2. I upgraded one of the hosts to 5.0 and experienced the same problem a few days later. I called support again and mentioned the fact that it is now running in a supported configuration. He ran esxtop and noted the high vCPU usage. He stated there wasn't any more he could do, it must be a problem with the application running inside the guest. I specifically asked if he could run strace to see what the runaway processes were doing, he said no. I also asked if the VM could be forcibly crashed (coredump) to examine the aftermath. He said no and insisted the problem lies with some application running in the guest. His recommendations were to reduce the number of vCPUs, and/or schedule regular reboots of the guests. I had a good chuckle over the latter, then became dismayed when I realized he was being dead serious.

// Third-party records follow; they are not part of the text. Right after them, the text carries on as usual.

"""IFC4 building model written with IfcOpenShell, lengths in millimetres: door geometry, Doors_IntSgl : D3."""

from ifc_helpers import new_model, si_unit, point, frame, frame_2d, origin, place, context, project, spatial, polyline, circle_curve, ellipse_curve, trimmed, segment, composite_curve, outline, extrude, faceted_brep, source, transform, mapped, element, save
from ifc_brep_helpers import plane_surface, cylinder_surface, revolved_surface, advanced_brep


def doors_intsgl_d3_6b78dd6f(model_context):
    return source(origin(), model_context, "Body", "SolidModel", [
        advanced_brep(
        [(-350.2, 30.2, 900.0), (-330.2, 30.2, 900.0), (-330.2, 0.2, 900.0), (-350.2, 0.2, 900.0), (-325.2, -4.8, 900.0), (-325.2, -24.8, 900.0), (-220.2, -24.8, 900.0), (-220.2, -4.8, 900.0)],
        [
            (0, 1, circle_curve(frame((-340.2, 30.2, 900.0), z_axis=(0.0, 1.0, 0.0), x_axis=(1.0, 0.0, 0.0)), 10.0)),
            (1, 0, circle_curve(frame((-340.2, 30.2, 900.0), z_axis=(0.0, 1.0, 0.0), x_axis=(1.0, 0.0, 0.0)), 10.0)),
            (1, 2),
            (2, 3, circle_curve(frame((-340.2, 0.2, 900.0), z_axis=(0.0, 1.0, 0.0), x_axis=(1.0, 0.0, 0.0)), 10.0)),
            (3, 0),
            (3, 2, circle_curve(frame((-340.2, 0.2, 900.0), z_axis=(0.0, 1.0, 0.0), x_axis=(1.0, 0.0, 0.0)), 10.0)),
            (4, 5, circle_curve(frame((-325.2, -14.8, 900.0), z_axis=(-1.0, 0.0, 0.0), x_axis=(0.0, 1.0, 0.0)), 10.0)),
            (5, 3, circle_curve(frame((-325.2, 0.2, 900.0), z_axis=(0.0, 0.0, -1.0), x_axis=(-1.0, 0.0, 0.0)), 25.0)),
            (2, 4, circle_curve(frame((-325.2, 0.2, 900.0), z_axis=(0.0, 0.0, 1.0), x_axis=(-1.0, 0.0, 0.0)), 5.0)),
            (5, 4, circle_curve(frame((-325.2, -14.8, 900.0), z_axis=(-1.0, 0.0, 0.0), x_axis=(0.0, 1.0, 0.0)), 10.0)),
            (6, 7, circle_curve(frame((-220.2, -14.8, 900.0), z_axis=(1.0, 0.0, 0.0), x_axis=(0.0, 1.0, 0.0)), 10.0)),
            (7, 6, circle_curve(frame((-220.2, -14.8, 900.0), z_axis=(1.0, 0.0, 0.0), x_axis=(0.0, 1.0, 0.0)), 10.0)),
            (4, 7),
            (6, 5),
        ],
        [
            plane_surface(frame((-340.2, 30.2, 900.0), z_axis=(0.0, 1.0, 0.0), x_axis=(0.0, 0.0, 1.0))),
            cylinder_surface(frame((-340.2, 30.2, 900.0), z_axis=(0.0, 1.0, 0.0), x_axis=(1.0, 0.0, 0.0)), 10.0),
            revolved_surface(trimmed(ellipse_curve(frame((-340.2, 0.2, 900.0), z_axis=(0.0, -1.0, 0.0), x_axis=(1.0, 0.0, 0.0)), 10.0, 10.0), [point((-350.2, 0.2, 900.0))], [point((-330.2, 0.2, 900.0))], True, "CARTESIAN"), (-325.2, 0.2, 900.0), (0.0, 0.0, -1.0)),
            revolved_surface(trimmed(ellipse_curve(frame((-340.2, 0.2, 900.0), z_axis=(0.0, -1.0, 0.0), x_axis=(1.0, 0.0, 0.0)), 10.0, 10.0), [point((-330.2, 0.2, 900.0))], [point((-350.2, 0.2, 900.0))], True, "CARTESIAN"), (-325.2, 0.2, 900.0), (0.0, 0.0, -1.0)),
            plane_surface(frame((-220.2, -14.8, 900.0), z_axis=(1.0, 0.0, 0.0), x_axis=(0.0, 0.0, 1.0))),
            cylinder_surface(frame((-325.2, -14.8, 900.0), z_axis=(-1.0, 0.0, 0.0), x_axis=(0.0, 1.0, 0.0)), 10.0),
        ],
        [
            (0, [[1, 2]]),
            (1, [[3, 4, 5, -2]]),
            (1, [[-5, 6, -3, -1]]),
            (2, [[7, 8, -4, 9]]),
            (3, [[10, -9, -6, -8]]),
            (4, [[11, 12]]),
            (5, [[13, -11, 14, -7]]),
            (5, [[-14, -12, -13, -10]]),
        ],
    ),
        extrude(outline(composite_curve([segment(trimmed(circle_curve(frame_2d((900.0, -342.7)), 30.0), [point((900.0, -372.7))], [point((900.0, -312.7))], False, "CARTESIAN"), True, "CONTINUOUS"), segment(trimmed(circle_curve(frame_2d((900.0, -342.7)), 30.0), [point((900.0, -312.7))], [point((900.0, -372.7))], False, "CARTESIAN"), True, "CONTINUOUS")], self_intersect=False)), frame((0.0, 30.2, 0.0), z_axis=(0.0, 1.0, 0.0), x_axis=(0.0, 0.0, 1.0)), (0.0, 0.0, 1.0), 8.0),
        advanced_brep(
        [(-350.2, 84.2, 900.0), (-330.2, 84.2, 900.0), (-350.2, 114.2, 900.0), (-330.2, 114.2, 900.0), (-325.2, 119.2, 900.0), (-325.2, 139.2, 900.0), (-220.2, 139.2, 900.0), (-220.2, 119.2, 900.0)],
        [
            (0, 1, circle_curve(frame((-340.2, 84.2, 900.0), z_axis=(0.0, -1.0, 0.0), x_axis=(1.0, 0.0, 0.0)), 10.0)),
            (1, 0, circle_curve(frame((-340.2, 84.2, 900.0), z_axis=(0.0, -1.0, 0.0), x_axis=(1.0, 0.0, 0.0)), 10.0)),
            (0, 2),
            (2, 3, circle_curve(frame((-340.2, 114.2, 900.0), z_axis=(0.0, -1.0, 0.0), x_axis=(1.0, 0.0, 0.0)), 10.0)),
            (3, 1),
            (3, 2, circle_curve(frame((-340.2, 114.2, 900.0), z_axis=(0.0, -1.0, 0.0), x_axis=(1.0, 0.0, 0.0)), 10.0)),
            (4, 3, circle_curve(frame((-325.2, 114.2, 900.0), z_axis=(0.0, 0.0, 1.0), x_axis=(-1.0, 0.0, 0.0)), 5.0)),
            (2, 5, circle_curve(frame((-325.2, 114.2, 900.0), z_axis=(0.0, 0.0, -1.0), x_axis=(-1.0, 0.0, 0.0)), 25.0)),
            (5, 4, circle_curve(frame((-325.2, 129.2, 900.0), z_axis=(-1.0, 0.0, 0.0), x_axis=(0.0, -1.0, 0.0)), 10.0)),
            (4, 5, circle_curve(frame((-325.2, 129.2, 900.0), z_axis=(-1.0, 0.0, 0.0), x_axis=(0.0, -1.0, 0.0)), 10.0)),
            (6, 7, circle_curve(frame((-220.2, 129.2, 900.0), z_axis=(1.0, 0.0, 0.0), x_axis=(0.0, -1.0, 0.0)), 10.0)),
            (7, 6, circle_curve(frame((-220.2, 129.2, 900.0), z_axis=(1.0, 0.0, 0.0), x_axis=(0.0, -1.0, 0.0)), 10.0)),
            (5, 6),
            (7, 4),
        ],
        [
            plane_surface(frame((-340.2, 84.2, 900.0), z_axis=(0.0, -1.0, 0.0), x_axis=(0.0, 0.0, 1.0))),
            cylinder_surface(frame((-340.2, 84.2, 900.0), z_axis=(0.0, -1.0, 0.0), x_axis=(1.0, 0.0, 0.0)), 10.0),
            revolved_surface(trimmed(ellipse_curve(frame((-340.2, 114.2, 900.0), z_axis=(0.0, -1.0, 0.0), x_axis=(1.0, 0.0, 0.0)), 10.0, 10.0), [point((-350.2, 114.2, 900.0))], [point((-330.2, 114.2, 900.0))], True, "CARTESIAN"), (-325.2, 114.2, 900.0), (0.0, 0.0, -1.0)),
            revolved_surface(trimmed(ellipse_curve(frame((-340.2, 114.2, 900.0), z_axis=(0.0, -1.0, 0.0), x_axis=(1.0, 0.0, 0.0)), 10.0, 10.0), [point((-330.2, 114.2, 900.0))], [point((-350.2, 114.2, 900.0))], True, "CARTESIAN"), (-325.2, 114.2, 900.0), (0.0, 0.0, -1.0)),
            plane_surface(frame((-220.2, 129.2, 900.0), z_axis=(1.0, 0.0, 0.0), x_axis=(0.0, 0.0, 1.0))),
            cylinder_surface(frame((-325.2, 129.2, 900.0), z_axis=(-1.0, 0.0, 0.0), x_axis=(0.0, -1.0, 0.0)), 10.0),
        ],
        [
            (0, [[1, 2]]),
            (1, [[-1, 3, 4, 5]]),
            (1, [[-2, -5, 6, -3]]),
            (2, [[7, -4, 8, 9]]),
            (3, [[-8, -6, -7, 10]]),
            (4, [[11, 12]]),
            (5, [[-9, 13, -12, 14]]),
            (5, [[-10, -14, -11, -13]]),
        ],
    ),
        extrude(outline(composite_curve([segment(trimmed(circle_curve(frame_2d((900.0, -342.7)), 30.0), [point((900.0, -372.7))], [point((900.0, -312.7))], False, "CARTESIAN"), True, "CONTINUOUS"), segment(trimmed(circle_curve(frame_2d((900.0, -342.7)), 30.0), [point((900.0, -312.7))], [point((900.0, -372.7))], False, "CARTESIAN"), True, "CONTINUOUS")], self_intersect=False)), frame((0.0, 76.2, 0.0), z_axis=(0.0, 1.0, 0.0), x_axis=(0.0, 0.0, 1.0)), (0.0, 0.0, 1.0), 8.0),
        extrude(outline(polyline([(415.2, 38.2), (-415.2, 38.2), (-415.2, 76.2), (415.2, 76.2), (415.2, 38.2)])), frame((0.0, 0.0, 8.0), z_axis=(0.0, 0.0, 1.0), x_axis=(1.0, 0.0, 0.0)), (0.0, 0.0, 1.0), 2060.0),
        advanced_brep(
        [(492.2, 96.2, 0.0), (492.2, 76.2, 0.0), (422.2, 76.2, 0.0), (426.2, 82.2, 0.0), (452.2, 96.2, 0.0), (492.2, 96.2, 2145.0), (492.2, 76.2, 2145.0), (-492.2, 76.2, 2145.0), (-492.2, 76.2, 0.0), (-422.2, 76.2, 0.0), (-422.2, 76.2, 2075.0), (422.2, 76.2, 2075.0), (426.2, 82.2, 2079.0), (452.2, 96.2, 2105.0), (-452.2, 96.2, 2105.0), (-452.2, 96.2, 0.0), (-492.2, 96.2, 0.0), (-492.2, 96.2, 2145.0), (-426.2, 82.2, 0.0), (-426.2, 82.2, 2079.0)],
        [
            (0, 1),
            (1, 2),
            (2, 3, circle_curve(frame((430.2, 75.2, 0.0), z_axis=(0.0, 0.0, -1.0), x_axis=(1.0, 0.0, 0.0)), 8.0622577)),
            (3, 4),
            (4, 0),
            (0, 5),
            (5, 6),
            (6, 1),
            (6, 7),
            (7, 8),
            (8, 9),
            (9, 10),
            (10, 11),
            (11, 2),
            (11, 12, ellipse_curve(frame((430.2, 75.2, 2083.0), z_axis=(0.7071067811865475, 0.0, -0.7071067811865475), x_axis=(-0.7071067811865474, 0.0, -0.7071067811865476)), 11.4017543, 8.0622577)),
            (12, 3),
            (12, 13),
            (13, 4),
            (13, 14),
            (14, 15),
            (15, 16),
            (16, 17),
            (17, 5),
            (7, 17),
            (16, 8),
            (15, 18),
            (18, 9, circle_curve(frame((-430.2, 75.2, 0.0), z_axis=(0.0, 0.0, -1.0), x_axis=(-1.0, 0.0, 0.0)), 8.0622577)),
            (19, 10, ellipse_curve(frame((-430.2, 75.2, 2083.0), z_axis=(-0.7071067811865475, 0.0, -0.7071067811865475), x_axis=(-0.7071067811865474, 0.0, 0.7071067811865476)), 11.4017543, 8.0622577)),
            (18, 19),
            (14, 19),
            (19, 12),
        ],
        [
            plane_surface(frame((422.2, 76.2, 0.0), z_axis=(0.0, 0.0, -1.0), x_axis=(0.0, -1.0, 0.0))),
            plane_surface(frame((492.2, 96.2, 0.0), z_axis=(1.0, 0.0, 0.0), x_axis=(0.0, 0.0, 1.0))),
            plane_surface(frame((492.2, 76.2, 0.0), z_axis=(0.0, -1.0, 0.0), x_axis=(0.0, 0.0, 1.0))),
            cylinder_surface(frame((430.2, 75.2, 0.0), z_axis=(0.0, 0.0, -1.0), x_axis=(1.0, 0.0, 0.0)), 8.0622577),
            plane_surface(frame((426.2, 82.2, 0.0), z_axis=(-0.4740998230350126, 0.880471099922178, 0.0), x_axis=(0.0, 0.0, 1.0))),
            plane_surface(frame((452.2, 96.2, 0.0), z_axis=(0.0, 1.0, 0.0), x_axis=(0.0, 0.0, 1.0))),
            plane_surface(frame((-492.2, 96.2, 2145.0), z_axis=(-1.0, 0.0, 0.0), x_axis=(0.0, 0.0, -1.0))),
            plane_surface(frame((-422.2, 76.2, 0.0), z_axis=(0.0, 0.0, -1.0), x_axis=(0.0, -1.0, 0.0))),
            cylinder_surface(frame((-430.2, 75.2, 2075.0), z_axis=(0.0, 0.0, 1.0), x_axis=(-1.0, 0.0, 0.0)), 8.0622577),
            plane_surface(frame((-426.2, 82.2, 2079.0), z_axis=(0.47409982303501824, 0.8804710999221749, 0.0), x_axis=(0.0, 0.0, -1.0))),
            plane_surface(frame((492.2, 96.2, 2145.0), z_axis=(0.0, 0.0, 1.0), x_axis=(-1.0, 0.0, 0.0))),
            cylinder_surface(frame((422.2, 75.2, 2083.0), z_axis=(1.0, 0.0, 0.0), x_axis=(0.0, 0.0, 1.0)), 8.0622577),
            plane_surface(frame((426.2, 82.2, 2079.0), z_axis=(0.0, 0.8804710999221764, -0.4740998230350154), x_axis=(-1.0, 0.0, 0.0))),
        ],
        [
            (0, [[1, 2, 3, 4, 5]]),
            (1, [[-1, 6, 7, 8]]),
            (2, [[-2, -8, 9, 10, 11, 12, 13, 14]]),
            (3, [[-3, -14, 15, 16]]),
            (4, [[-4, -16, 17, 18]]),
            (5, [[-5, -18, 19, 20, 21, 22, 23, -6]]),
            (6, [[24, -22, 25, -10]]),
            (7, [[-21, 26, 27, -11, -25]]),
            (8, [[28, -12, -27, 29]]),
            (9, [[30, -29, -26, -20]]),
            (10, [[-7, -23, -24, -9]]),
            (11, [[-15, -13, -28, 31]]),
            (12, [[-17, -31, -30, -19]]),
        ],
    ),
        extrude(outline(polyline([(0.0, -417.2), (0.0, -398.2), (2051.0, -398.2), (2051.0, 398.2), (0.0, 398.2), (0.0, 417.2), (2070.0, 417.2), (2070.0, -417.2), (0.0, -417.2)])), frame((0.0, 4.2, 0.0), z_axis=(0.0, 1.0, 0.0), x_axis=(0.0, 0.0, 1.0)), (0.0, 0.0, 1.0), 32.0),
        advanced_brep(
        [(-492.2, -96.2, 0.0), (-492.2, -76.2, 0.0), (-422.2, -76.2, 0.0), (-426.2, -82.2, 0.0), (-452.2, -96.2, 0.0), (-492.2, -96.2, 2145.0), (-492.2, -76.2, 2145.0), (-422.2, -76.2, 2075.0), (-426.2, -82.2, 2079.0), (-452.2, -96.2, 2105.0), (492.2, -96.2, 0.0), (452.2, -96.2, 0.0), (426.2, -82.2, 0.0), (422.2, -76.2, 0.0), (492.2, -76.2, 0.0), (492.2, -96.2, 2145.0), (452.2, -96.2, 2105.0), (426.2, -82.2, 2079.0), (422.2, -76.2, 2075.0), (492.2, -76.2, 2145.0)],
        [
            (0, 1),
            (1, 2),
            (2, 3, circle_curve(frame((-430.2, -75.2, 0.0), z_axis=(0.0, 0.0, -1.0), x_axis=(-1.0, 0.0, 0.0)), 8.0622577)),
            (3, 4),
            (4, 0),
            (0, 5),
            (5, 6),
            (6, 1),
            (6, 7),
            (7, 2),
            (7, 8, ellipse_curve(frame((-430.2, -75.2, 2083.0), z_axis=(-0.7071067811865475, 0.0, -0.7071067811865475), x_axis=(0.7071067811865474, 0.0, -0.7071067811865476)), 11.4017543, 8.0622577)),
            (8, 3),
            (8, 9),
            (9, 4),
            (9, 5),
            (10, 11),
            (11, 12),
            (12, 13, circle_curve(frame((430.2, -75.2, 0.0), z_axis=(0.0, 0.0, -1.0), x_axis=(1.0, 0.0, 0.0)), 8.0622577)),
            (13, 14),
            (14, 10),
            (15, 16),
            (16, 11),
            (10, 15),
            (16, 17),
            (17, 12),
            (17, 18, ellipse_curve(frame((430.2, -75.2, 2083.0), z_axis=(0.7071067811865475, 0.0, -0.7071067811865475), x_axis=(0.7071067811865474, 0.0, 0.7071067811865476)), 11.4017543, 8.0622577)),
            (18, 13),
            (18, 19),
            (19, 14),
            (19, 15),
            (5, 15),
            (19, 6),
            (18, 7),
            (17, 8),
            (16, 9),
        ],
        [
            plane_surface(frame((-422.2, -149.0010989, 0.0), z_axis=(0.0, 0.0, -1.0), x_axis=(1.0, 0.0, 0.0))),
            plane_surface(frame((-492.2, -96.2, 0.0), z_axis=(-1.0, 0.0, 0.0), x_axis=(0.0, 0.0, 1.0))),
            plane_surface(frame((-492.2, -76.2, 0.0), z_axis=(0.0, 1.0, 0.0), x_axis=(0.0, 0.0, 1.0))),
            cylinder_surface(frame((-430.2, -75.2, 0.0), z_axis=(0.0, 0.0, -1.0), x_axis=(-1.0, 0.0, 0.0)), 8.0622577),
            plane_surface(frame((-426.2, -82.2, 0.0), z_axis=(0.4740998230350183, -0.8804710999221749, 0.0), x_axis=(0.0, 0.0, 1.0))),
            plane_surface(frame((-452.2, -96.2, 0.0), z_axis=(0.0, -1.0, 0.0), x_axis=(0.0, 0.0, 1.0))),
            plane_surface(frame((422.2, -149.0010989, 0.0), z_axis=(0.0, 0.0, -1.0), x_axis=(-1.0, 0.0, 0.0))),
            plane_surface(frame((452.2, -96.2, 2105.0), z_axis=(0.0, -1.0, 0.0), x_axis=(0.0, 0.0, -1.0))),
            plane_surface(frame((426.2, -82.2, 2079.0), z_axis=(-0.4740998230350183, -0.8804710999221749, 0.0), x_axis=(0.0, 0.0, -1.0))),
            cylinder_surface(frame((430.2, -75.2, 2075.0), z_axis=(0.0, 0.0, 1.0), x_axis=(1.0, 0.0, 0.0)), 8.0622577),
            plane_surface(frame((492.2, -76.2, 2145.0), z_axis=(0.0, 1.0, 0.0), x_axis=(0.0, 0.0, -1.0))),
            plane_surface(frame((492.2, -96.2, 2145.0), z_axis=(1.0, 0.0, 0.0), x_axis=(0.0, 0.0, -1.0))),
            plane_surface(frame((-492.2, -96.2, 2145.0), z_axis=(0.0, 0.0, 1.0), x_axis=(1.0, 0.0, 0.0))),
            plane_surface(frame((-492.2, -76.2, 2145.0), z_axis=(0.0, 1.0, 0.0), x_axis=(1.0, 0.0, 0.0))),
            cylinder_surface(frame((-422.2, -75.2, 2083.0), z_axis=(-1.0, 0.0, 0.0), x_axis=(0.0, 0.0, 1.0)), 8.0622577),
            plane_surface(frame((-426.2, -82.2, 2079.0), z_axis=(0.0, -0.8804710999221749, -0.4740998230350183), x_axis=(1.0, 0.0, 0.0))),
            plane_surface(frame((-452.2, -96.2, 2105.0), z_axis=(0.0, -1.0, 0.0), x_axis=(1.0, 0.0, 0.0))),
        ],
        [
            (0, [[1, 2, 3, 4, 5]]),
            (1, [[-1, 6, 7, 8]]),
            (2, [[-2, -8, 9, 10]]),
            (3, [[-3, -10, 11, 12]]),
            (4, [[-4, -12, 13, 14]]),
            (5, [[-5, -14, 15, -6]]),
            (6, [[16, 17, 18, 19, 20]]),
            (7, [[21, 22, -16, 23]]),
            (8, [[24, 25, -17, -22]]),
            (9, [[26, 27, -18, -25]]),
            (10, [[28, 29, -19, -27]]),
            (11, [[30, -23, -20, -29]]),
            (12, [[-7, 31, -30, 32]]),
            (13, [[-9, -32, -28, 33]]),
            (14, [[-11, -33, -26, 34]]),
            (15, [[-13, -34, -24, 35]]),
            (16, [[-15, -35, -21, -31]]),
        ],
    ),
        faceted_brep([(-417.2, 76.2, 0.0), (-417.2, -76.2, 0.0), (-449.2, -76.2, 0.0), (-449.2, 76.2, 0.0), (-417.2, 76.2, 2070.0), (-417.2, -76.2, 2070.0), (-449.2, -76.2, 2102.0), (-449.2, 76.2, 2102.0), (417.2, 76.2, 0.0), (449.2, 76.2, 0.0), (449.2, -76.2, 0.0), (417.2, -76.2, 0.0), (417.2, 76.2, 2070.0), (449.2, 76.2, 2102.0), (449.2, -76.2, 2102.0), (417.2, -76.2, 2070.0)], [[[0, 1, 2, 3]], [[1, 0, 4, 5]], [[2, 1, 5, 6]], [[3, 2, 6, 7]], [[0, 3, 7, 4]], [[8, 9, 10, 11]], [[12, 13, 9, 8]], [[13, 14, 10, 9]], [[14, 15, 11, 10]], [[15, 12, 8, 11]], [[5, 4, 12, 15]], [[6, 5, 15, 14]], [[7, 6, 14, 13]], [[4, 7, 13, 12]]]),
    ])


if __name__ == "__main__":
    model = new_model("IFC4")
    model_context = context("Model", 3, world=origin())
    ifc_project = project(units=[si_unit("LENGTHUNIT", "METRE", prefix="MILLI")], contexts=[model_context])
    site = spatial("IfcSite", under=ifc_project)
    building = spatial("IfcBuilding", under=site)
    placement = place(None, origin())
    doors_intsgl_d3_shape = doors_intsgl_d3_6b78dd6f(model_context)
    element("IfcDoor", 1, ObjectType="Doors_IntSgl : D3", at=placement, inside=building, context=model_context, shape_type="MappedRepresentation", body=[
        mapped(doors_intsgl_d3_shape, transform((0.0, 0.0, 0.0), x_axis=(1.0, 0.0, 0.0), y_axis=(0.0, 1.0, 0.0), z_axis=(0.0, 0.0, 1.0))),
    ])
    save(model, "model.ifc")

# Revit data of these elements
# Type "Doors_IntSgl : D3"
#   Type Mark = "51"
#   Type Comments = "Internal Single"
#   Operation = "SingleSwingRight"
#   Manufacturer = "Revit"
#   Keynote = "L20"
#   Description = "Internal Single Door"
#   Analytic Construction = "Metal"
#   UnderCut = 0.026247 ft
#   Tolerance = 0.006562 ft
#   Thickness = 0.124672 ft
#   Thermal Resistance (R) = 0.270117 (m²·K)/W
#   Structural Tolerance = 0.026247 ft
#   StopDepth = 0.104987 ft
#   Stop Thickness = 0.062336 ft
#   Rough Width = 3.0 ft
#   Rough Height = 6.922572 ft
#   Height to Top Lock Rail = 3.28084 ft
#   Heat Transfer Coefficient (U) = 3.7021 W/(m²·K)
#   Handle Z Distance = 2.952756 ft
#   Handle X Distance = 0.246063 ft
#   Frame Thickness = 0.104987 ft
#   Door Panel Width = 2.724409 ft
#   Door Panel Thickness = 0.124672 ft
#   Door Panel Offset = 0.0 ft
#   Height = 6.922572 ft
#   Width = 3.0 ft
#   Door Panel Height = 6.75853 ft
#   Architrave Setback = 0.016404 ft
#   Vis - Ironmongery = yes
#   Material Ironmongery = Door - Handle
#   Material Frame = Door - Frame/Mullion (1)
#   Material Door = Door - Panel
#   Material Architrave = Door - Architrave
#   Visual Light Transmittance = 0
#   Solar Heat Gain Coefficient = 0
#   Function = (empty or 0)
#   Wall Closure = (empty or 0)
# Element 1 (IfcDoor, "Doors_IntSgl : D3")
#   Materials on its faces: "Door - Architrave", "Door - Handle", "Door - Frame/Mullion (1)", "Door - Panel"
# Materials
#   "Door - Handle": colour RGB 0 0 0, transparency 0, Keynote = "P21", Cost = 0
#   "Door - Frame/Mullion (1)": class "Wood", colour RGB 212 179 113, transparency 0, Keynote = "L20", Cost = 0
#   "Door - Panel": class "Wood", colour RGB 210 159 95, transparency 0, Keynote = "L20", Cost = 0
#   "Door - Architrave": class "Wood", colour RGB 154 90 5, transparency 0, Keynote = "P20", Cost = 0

3. I escalated the case to a supervisor who repeated the technicians statements - there's nothing more VMware can do, something is wrong on our side. I explained that not all of the affected VMs run the same application - and there is no pattern.
Honestly that just doesn't make sense to me, the evidence points to a bug or some other problem in VMware.
Anyway, I'm an open-minded person and accept the fact that it may indeed be a problem with our internal application. How can I troubleshoot this further to find the source of this problem?
I do have a 'test subject' available for poking and prodding. While the problem was affecting one of the VMs, I suspended it, copied the entire VM directory to another volume, then resumed the original VM. CPU usage spiked right back up to where it used to be so I reset the guest. But I do have the copy of the suspended VM which may be resumed at any time to reproduce the problem.
Any help would be greatly appreciated.